I've heard of a miracle shotgun round that will cut through a person but will not go thru sheetrock. If anyone knows of such a round let me know where I can find them. Sad part it has been quite a few people at different time. Hope they weren't just yankin my chain.


----------



## zhurdan (Mar 21, 2008)

I'd say you should consider your chain yanked. That sounds physically impossible to me.

Zhur


----------



## Todd (Jul 3, 2006)

Any round that is capable of going through skin, muscle, and bone, let alone all three at once with the ability to cut a person in half, would be powerful enough to go through sheetrock. Your chain is getting yanked or you're hanging out with some seriously gullible people.


----------



## Ptarmigan (Jul 4, 2008)

Sorry to say but I am with the others; it sounds like someone is feeding you a line.


----------



## undrgrnd (Jul 10, 2008)

all of your answers would be the reason I asked.

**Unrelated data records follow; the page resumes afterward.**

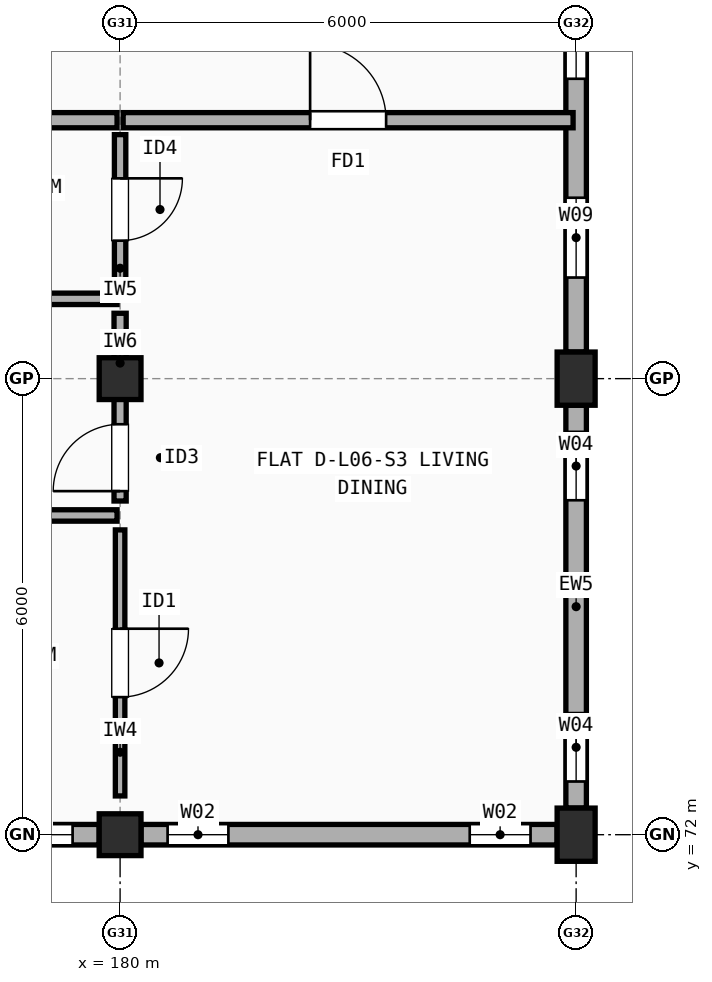
"""IFC4 building model, lengths in metres.
Left out: names, types, materials, properties, quantities, classifications, styles, units other than length and angle.
Written with IfcOpenShell. Run it as: python <this file> out.ifc"""

import sys

from ifc_helpers import new_model, si_unit, direction, frame, frame_2d, origin, origin_2d, place, context, subcontext, project, spatial, rectangle, extrude, element, fill, save


model = new_model("IFC4")
c1 = context("Model", 3, precision=1e-05, world=origin(), true_north=direction((0.0, 1.0)))
c2 = subcontext(c1, "Body", "Model", "MODEL_VIEW")
j1 = project(units=[si_unit("LENGTHUNIT", "METRE"), si_unit("PLANEANGLEUNIT", "RADIAN")], contexts=[c1])
p1 = place(None, origin())
s1 = spatial("IfcSite", under=j1, at=p1, CompositionType="ELEMENT")
p2 = place(p1, origin())
s2 = spatial("IfcBuilding", under=s1, at=p2, CompositionType="ELEMENT")
p3 = place(p2, frame((0.0, 0.0, 20.5)))
s3 = spatial("IfcBuildingStorey", under=s2, at=p3, CompositionType="ELEMENT", Elevation=20.5)
for number, where, z_axis, x_axis in (
    (1, (180.0, 72.0, 0.0), (0.0, 0.0, 1.0), (1.0, 0.0, 0.0)),
    (2, (180.0, 78.0, 0.0), (0.0, 0.0, 1.0), (1.0, 0.0, 0.0)),
):
    element("IfcColumn", number, at=place(p3, frame(where, z_axis=z_axis, x_axis=x_axis)), inside=s3, PredefinedType="COLUMN", context=c2, shape_type="SweptSolid", body=[
        extrude(rectangle(XDim=0.55, YDim=0.55, at=origin_2d()), origin(), (0.0, 0.0, 1.0), 2.97),
    ])
for number, where, z_axis, x_axis in (
    (3, (186.0, 72.0, 0.0), (0.0, 0.0, 1.0), (1.0, 0.0, 0.0)),
    (4, (186.0, 78.0, 0.0), (0.0, 0.0, 1.0), (1.0, 0.0, 0.0)),
):
    element("IfcColumn", number, at=place(p3, frame(where, z_axis=z_axis, x_axis=x_axis)), inside=s3, PredefinedType="COLUMN", context=c2, shape_type="SweptSolid", body=[
        extrude(rectangle(XDim=0.5, YDim=0.7, at=origin_2d()), origin(), (0.0, 0.0, 1.0), 2.97),
    ])
p4 = place(p3, frame((174.275, 72.0, 0.0), z_axis=(0.0, 0.0, 1.0), x_axis=(1.0, 0.0, 0.0)))
e5 = element("IfcWall", 5, at=p4, inside=s3, PredefinedType="STANDARD", context=c2, shape_type="SweptSolid", body=[
    extrude(rectangle(XDim=5.45, YDim=0.27, at=frame_2d((2.725, 0.0))), origin(), (0.0, 0.0, 1.0), 2.452),
])
p5 = place(p4, frame((1.615, 0.0, 0.9)))
e6 = element("IfcOpeningElement", 6, at=p5, cuts=e5, PredefinedType="OPENING", context=c2, shape_type="SweptSolid", body=[
    extrude(rectangle(XDim=1.05, YDim=1.35, at=frame_2d((0.525, 0.675))), frame((0.0, 0.145, 0.0), z_axis=(0.0, -1.0, 0.0), x_axis=(1.0, 0.0, 0.0)), (0.0, 0.0, 1.0), 0.29),
])
p6 = place(p4, frame((4.05, 0.0, 0.9)))
e7 = element("IfcOpeningElement", 7, at=p6, cuts=e5, PredefinedType="OPENING", context=c2, shape_type="SweptSolid", body=[
    extrude(rectangle(XDim=1.05, YDim=1.35, at=frame_2d((0.525, 0.675))), frame((0.0, 0.145, 0.0), z_axis=(0.0, -1.0, 0.0), x_axis=(1.0, 0.0, 0.0)), (0.0, 0.0, 1.0), 0.29),
])
p7 = place(p3, frame((180.275, 72.0, 0.0), z_axis=(0.0, 0.0, 1.0), x_axis=(1.0, 0.0, 0.0)))
e8 = element("IfcWall", 8, at=p7, inside=s3, PredefinedType="STANDARD", context=c2, shape_type="SweptSolid", body=[
    extrude(rectangle(XDim=5.475, YDim=0.27, at=frame_2d((2.738, 0.0))), origin(), (0.0, 0.0, 1.0), 2.452),
])
p8 = place(p7, frame((0.35, 0.0, 0.9)))
e9 = element("IfcOpeningElement", 9, at=p8, cuts=e8, PredefinedType="OPENING", context=c2, shape_type="SweptSolid", body=[
    extrude(rectangle(XDim=0.8, YDim=1.2, at=frame_2d((0.4, 0.6))), frame((0.0, 0.145, 0.0), z_axis=(0.0, -1.0, 0.0), x_axis=(1.0, 0.0, 0.0)), (0.0, 0.0, 1.0), 0.29),
])
p9 = place(p7, frame((4.325, 0.0, 0.9)))
e10 = element("IfcOpeningElement", 10, at=p9, cuts=e8, PredefinedType="OPENING", context=c2, shape_type="SweptSolid", body=[
    extrude(rectangle(XDim=0.8, YDim=1.2, at=frame_2d((0.4, 0.6))), frame((0.0, 0.145, 0.0), z_axis=(0.0, -1.0, 0.0), x_axis=(1.0, 0.0, 0.0)), (0.0, 0.0, 1.0), 0.29),
])
p10 = place(p3, frame((186.0, 72.35, 0.0), z_axis=(0.0, 0.0, 1.0), x_axis=(0.0, 1.0, 0.0)))
e11 = element("IfcWall", 11, at=p10, inside=s3, PredefinedType="STANDARD", context=c2, shape_type="SweptSolid", body=[
    extrude(rectangle(XDim=5.3, YDim=0.27, at=frame_2d((2.65, 0.0))), origin(), (0.0, 0.0, 1.0), 2.452),
])
p11 = place(p10, frame((0.35, 0.0, 0.9)))
e12 = element("IfcOpeningElement", 12, at=p11, cuts=e11, PredefinedType="OPENING", context=c2, shape_type="SweptSolid", body=[
    extrude(rectangle(XDim=0.9, YDim=1.3, at=frame_2d((0.45, 0.65))), frame((0.0, 0.145, 0.0), z_axis=(0.0, -1.0, 0.0), x_axis=(1.0, 0.0, 0.0)), (0.0, 0.0, 1.0), 0.29),
])
p12 = place(p10, frame((4.05, 0.0, 0.9)))
e13 = element("IfcOpeningElement", 13, at=p12, cuts=e11, PredefinedType="OPENING", context=c2, shape_type="SweptSolid", body=[
    extrude(rectangle(XDim=0.9, YDim=1.3, at=frame_2d((0.45, 0.65))), frame((0.0, 0.145, 0.0), z_axis=(0.0, -1.0, 0.0), x_axis=(1.0, 0.0, 0.0)), (0.0, 0.0, 1.0), 0.29),
])
p13 = place(p3, frame((186.0, 78.35, 0.0), z_axis=(0.0, 0.0, 1.0), x_axis=(0.0, 1.0, 0.0)))
e14 = element("IfcWall", 14, at=p13, inside=s3, PredefinedType="STANDARD", context=c2, shape_type="SweptSolid", body=[
    extrude(rectangle(XDim=5.3, YDim=0.27, at=frame_2d((2.65, 0.0))), origin(), (0.0, 0.0, 1.0), 2.452),
])
p14 = place(p13, frame((0.98, 0.0, 0.9)))
e15 = element("IfcOpeningElement", 15, at=p14, cuts=e14, PredefinedType="OPENING", context=c2, shape_type="SweptSolid", body=[
    extrude(rectangle(XDim=1.05, YDim=1.35, at=frame_2d((0.525, 0.675))), frame((0.0, 0.145, 0.0), z_axis=(0.0, -1.0, 0.0), x_axis=(1.0, 0.0, 0.0)), (0.0, 0.0, 1.0), 0.29),
])
p15 = place(p13, frame((3.595, 0.0, 0.9)))
e16 = element("IfcOpeningElement", 16, at=p15, cuts=e14, PredefinedType="OPENING", context=c2, shape_type="SweptSolid", body=[
    extrude(rectangle(XDim=1.2, YDim=1.35, at=frame_2d((0.6, 0.675))), frame((0.0, 0.145, 0.0), z_axis=(0.0, -1.0, 0.0), x_axis=(1.0, 0.0, 0.0)), (0.0, 0.0, 1.0), 0.29),
])
p16 = place(p3, frame((175.54, 81.4, 0.0), z_axis=(0.0, 0.0, 1.0), x_axis=(1.0, 0.0, 0.0)))
e17 = element("IfcWall", 17, at=p16, inside=s3, PredefinedType="SOLIDWALL", context=c2, shape_type="SweptSolid", body=[
    extrude(rectangle(XDim=4.42, YDim=0.2, at=frame_2d((2.21, 0.0))), origin(), (0.0, 0.0, 1.0), 2.548),
])
p17 = place(p3, frame((180.04, 81.4, 0.0), z_axis=(0.0, 0.0, 1.0), x_axis=(1.0, 0.0, 0.0)))
e18 = element("IfcWall", 18, at=p17, inside=s3, PredefinedType="SOLIDWALL", context=c2, shape_type="SweptSolid", body=[
    extrude(rectangle(XDim=5.92, YDim=0.2, at=frame_2d((2.96, 0.0))), origin(), (0.0, 0.0, 1.0), 2.452),
])
p18 = place(p17, frame((2.46, 0.0, 0.0)))
e19 = element("IfcOpeningElement", 19, at=p18, cuts=e18, PredefinedType="OPENING", context=c2, shape_type="SweptSolid", body=[
    extrude(rectangle(XDim=1.0, YDim=2.15, at=frame_2d((0.5, 1.075))), frame((0.0, 0.11, 0.0), z_axis=(0.0, -1.0, 0.0), x_axis=(1.0, 0.0, 0.0)), (0.0, 0.0, 1.0), 0.22),
])
p19 = place(p3, frame((180.0, 72.51, 0.0), z_axis=(0.0, 0.0, 1.0), x_axis=(0.0, 1.0, 0.0)))
e20 = element("IfcWall", 20, at=p19, inside=s3, PredefinedType="PARTITIONING", context=c2, shape_type="SweptSolid", body=[
    extrude(rectangle(XDim=3.5, YDim=0.125, at=frame_2d((1.75, 0.0))), origin(), (0.0, 0.0, 1.0), 2.458),
])
p20 = place(p19, frame((1.3, 0.0, 0.0)))
e21 = element("IfcOpeningElement", 21, at=p20, cuts=e20, PredefinedType="OPENING", context=c2, shape_type="SweptSolid", body=[
    extrude(rectangle(XDim=0.9, YDim=2.1, at=frame_2d((0.45, 1.05))), frame((0.0, 0.073, 0.0), z_axis=(0.0, -1.0, 0.0), x_axis=(1.0, 0.0, 0.0)), (0.0, 0.0, 1.0), 0.145),
])
p21 = place(p3, frame((180.0, 76.39, 0.0), z_axis=(0.0, 0.0, 1.0), x_axis=(0.0, 1.0, 0.0)))
e22 = element("IfcWall", 22, at=p21, inside=s3, PredefinedType="PLUMBINGWALL", context=c2, shape_type="SweptSolid", body=[
    extrude(rectangle(XDim=2.47, YDim=0.16, at=frame_2d((1.235, 0.0))), origin(), (0.0, 0.0, 1.0), 2.458),
])
p22 = place(p21, frame((0.13, 0.0, 0.0)))
e23 = element("IfcOpeningElement", 23, at=p22, cuts=e22, PredefinedType="OPENING", context=c2, shape_type="SweptSolid", body=[
    extrude(rectangle(XDim=0.88, YDim=2.1, at=frame_2d((0.44, 1.05))), frame((0.0, 0.09, 0.0), z_axis=(0.0, -1.0, 0.0), x_axis=(1.0, 0.0, 0.0)), (0.0, 0.0, 1.0), 0.18),
])
p23 = place(p3, frame((180.0, 79.24, 0.0), z_axis=(0.0, 0.0, 1.0), x_axis=(0.0, 1.0, 0.0)))
e24 = element("IfcWall", 24, at=p23, inside=s3, PredefinedType="PARTITIONING", context=c2, shape_type="SweptSolid", body=[
    extrude(rectangle(XDim=1.97, YDim=0.15, at=frame_2d((0.985, 0.0))), origin(), (0.0, 0.0, 1.0), 2.548),
])
p24 = place(p23, frame((0.575, 0.0, 0.0)))
e25 = element("IfcOpeningElement", 25, at=p24, cuts=e24, PredefinedType="OPENING", context=c2, shape_type="SweptSolid", body=[
    extrude(rectangle(XDim=0.82, YDim=2.08, at=frame_2d((0.41, 1.04))), frame((0.0, 0.085, 0.0), z_axis=(0.0, -1.0, 0.0), x_axis=(1.0, 0.0, 0.0)), (0.0, 0.0, 1.0), 0.17),
])
p25 = place(p3, frame((175.54, 76.2, 0.0), z_axis=(0.0, 0.0, 1.0), x_axis=(1.0, 0.0, 0.0)))
e26 = element("IfcWall", 26, at=p25, inside=s3, PredefinedType="PARTITIONING", context=c2, shape_type="SweptSolid", body=[
    extrude(rectangle(XDim=4.42, YDim=0.15, at=frame_2d((2.21, 0.0))), origin(), (0.0, 0.0, 1.0), 2.458),
])
p26 = place(p3, frame((175.54, 79.05, 0.0), z_axis=(0.0, 0.0, 1.0), x_axis=(1.0, 0.0, 0.0)))
e27 = element("IfcWall", 27, at=p26, inside=s3, PredefinedType="PARTITIONING", context=c2, shape_type="SweptSolid", body=[
    extrude(rectangle(XDim=4.42, YDim=0.15, at=frame_2d((2.21, 0.0))), origin(), (0.0, 0.0, 1.0), 2.548),
])
p27 = place(p6, origin())
e28 = element("IfcWindow", 28, at=p27, inside=s3, PartitioningType="SINGLE_PANEL", PredefinedType="WINDOW", context=c2, shape_type="SweptSolid", body=[
    extrude(rectangle(XDim=1.05, YDim=1.35, at=frame_2d((0.525, 0.675))), frame((0.0, 0.03, 0.0), z_axis=(0.0, -1.0, 0.0), x_axis=(1.0, 0.0, 0.0)), (0.0, 0.0, 1.0), 0.06),
])
fill(e7, e28)
p28 = place(p8, origin())
e29 = element("IfcWindow", 29, at=p28, inside=s3, PartitioningType="SINGLE_PANEL", PredefinedType="WINDOW", context=c2, shape_type="SweptSolid", body=[
    extrude(rectangle(XDim=0.8, YDim=1.2, at=frame_2d((0.4, 0.6))), frame((0.0, 0.03, 0.0), z_axis=(0.0, -1.0, 0.0), x_axis=(1.0, 0.0, 0.0)), (0.0, 0.0, 1.0), 0.06),
])
fill(e9, e29)
p29 = place(p9, origin())
e30 = element("IfcWindow", 30, at=p29, inside=s3, PartitioningType="SINGLE_PANEL", PredefinedType="WINDOW", context=c2, shape_type="SweptSolid", body=[
    extrude(rectangle(XDim=0.8, YDim=1.2, at=frame_2d((0.4, 0.6))), frame((0.0, 0.03, 0.0), z_axis=(0.0, -1.0, 0.0), x_axis=(1.0, 0.0, 0.0)), (0.0, 0.0, 1.0), 0.06),
])
fill(e10, e30)
p30 = place(p11, origin())
e31 = element("IfcWindow", 31, at=p30, inside=s3, PartitioningType="SINGLE_PANEL", PredefinedType="WINDOW", context=c2, shape_type="SweptSolid", body=[
    extrude(rectangle(XDim=0.9, YDim=1.3, at=frame_2d((0.45, 0.65))), frame((0.0, 0.03, 0.0), z_axis=(0.0, -1.0, 0.0), x_axis=(1.0, 0.0, 0.0)), (0.0, 0.0, 1.0), 0.06),
])
fill(e12, e31)
p31 = place(p12, origin())
e32 = element("IfcWindow", 32, at=p31, inside=s3, PartitioningType="SINGLE_PANEL", PredefinedType="WINDOW", context=c2, shape_type="SweptSolid", body=[
    extrude(rectangle(XDim=0.9, YDim=1.3, at=frame_2d((0.45, 0.65))), frame((0.0, 0.03, 0.0), z_axis=(0.0, -1.0, 0.0), x_axis=(1.0, 0.0, 0.0)), (0.0, 0.0, 1.0), 0.06),
])
fill(e13, e32)
p32 = place(p14, origin())
e33 = element("IfcWindow", 33, at=p32, inside=s3, PartitioningType="SINGLE_PANEL", PredefinedType="WINDOW", context=c2, shape_type="SweptSolid", body=[
    extrude(rectangle(XDim=1.05, YDim=1.35, at=frame_2d((0.525, 0.675))), frame((0.0, 0.03, 0.0), z_axis=(0.0, -1.0, 0.0), x_axis=(1.0, 0.0, 0.0)), (0.0, 0.0, 1.0), 0.06),
])
fill(e15, e33)
p33 = place(p15, origin())
e34 = element("IfcWindow", 34, at=p33, inside=s3, PartitioningType="SINGLE_PANEL", PredefinedType="WINDOW", context=c2, shape_type="SweptSolid", body=[
    extrude(rectangle(XDim=1.2, YDim=1.35, at=frame_2d((0.6, 0.675))), frame((0.0, 0.03, 0.0), z_axis=(0.0, -1.0, 0.0), x_axis=(1.0, 0.0, 0.0)), (0.0, 0.0, 1.0), 0.06),
])
fill(e16, e34)
p34 = place(p18, origin())
e35 = element("IfcDoor", 35, at=p34, inside=s3, OperationType="SINGLE_SWING_LEFT", PredefinedType="DOOR", context=c2, shape_type="SweptSolid", body=[
    extrude(rectangle(XDim=1.0, YDim=2.15, at=frame_2d((0.5, 1.075))), frame((0.0, 0.025, 0.0), z_axis=(0.0, -1.0, 0.0), x_axis=(1.0, 0.0, 0.0)), (0.0, 0.0, 1.0), 0.05),
])
fill(e19, e35)
p35 = place(p20, origin())
e36 = element("IfcDoor", 36, at=p35, inside=s3, OperationType="SINGLE_SWING_RIGHT", PredefinedType="DOOR", context=c2, shape_type="SweptSolid", body=[
    extrude(rectangle(XDim=0.9, YDim=2.1, at=frame_2d((0.45, 1.05))), frame((0.0, 0.025, 0.0), z_axis=(0.0, -1.0, 0.0), x_axis=(1.0, 0.0, 0.0)), (0.0, 0.0, 1.0), 0.05),
])
fill(e21, e36)
p36 = place(p22, origin())
e37 = element("IfcDoor", 37, at=p36, inside=s3, OperationType="SINGLE_SWING_LEFT", PredefinedType="DOOR", context=c2, shape_type="SweptSolid", body=[
    extrude(rectangle(XDim=0.88, YDim=2.1, at=frame_2d((0.44, 1.05))), frame((0.0, 0.025, 0.0), z_axis=(0.0, -1.0, 0.0), x_axis=(1.0, 0.0, 0.0)), (0.0, 0.0, 1.0), 0.05),
])
fill(e23, e37)
p37 = place(p24, origin())
e38 = element("IfcDoor", 38, at=p37, inside=s3, OperationType="SINGLE_SWING_RIGHT", PredefinedType="DOOR", context=c2, shape_type="SweptSolid", body=[
    extrude(rectangle(XDim=0.82, YDim=2.08, at=frame_2d((0.41, 1.04))), frame((0.0, 0.025, 0.0), z_axis=(0.0, -1.0, 0.0), x_axis=(1.0, 0.0, 0.0)), (0.0, 0.0, 1.0), 0.05),
])
fill(e25, e38)
save(model, sys.argv[1])

I figured I'd get truth from here and yall just answered and confirmed my skepticism


----------



## Ptarmigan (Jul 4, 2008)

Happy to help. :smt023


----------



## DevilsJohnson (Oct 21, 2007)

zhurdan said:


> I'd say you should consider your chain yanked. That sounds physically impossible to me.
> 
> Zhur


heh....+1


----------



## lostsoul (Sep 30, 2008)

The miracle round.Isn;t that the one that just parts there hair and the end up in church the next morning ?:mrgreen:


----------